Anak-anak trans paling sering bertanya, “Kapan kita les lagi Bu?” Orangtua mereka pun bertanya. Semakin lama berjalan, anak-anak yang belum sekolah turut serta menambah ramainya bimbingan di daerah ini. Aku sendiri musti membagi konsentrasiku untuk kelompok-kelompok kelas yang berbeda. Setiap kelompok kelas pun berlainan kemampuan antaranak sehingga aku musti membagi fokus lebih detail lagi. Namun aku berterima kasih pada mereka tentang ide kelas besar membantu kelas kecil untuk belajar sehingga aku terbantu.

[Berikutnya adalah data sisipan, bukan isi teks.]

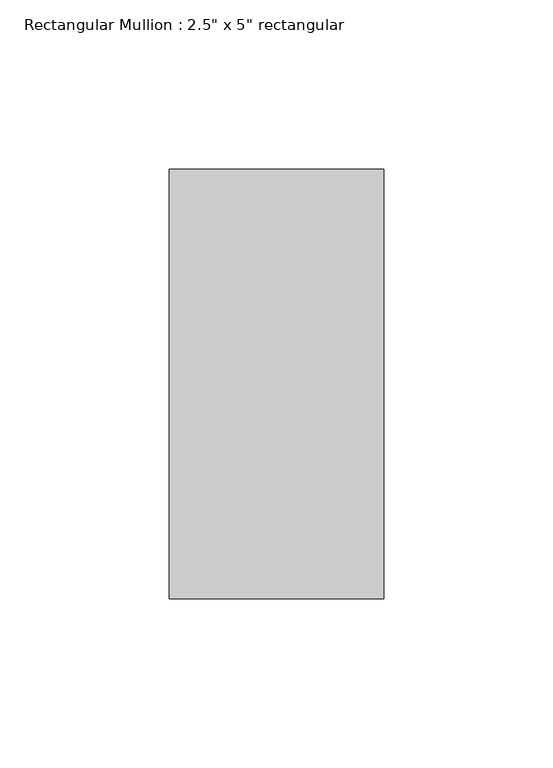
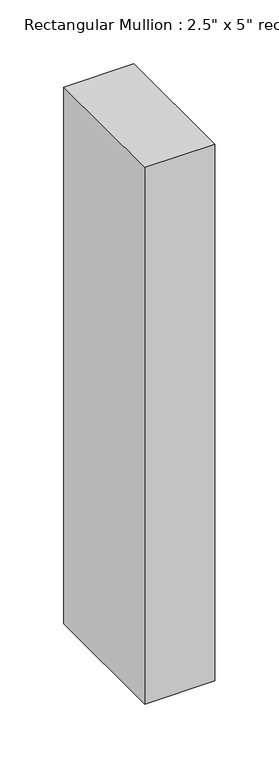
"""IFC4 building model written with IfcOpenShell, lengths in millimetres: member geometry."""

from ifc_helpers import new_model, si_unit, frame, origin, place, context, project, spatial, polyline, outline, extrude, source, transform, mapped, element, save


def member_794f270d(model_context):
    return source(origin(), model_context, "Body", "SweptSolid", [
        extrude(outline(polyline([(0.0, 63.5), (0.0, -63.5), (-63.5, -63.5), (-63.5, 63.5), (0.0, 63.5)])), frame((0.0, 0.0, -513.6068067), z_axis=(0.0, 0.0, 1.0), x_axis=(1.0, 0.0, 0.0)), (0.0, 0.0, 1.0), 513.6068067),
    ])


if __name__ == "__main__":
    model = new_model("IFC4")
    model_context = context("Model", 3, world=origin())
    ifc_project = project(units=[si_unit("LENGTHUNIT", "METRE", prefix="MILLI")], contexts=[model_context])
    site = spatial("IfcSite", under=ifc_project)
    building = spatial("IfcBuilding", under=site)
    placement = place(None, origin())
    member_shape = member_794f270d(model_context)
    element("IfcMember", 1, ObjectType="Rectangular Mullion : 2.5\" x 5\" rectangular", at=placement, inside=building, context=model_context, shape_type="MappedRepresentation", body=[
        mapped(member_shape, transform((0.0, 0.0, 0.0), x_axis=(1.0, 0.0, 0.0), y_axis=(0.0, 1.0, 0.0), z_axis=(0.0, 0.0, 1.0))),
    ])
    save(model, "model.ifc")

# Revit data of these elements
# Type "Rectangular Mullion : 2.5\" x 5\" rectangular"
#   built-in parameter 1007304 = 0.416667 (stored number, unit not read)
#   built-in parameter 1007301 = 0.104167 (stored number, unit not read)
#   built-in parameter 1007300 = 0.104167 (stored number, unit not read)
# Element 1 (IfcMember, "Rectangular Mullion : 2.5\" x 5\" rectangular")
#   Materials on its faces: "Aluminum"
# Materials
#   "Aluminum": class "Metal", colour RGB 247 247 247, transparency 0, Description = "Aluminum 6061", Cost = 0

Maka setiap les bersama anak-anak trans suasana selalu riuh, karena di samping mereka saling mengajari kawannya mereka juga aktif bertanya. Betapa bahagianya melihat semangat mereka, juga kala teringat perjuangan orangtua mereka, orang-orang transmigrasi, jauh dari kenyamanan hidup di Jawa, jauh dari keluarga besar untuk mengadu nasib di ladang-ladang di atas tanah berawa. Aku berdoa anak-anak ini akan pernah menginjakkan kaki di Jawa untuk sekolah setinggi-tingginya.
Kampung. Bawah. Daerah ini tergolong cukup nyaman dengan jalan poros yang sebagian besar sudah diaspal. Rumah-rumahnya relatif lebih baik dari pemukiman trans. Soal air dan listrik bisa dibilang sama saja. Penghuni daerah ini mayoritas suku Bugis dan sebagian Paser. Hamparan padi dan kegagahan nyiur menghiasi kampung ini. Anak-anak yang mengikuti les didominasi kelas atas (4-6), namun pesertanya tidak rutin. Ada yang satu kali saja berangkat dalam satu bulan, ada yang berangkat hanya ketika ada PR, sedangkan sebagian memang ingin belajar. Karakternya memang berbeda dengan anak-anak di daerah lain. Orang bilang kemauan anak kampung ini tidak cukup gigih, barangkali terlena dengan kenyamanan mereka. Bagiku anak-anak ini butuh dorongan ekstra terlebih bila orangtuanya angkat tangan terhadap pendidikan anak mereka. Putus nyambung sekolah pun menjadi hal biasa. Maka, anak-anak ini sangat butuh motivasi. Satu hal menarik yang kutemui pada anak-anak kampung ini adalah minat baca. Mereka sangat senang membaca tumpukan majalah Kuark dan buku-buku lain. Setiap aku membawa buku baru, mereka memburunya. Itulah keistimewaan mereka. Dengan menemukan sisi unik dari anak-anak ini tentu akan lebih mudah menanamkan semangat baru pada mereka, semangat untuk belajar, untuk menggali ilmu lebih banyak lagi.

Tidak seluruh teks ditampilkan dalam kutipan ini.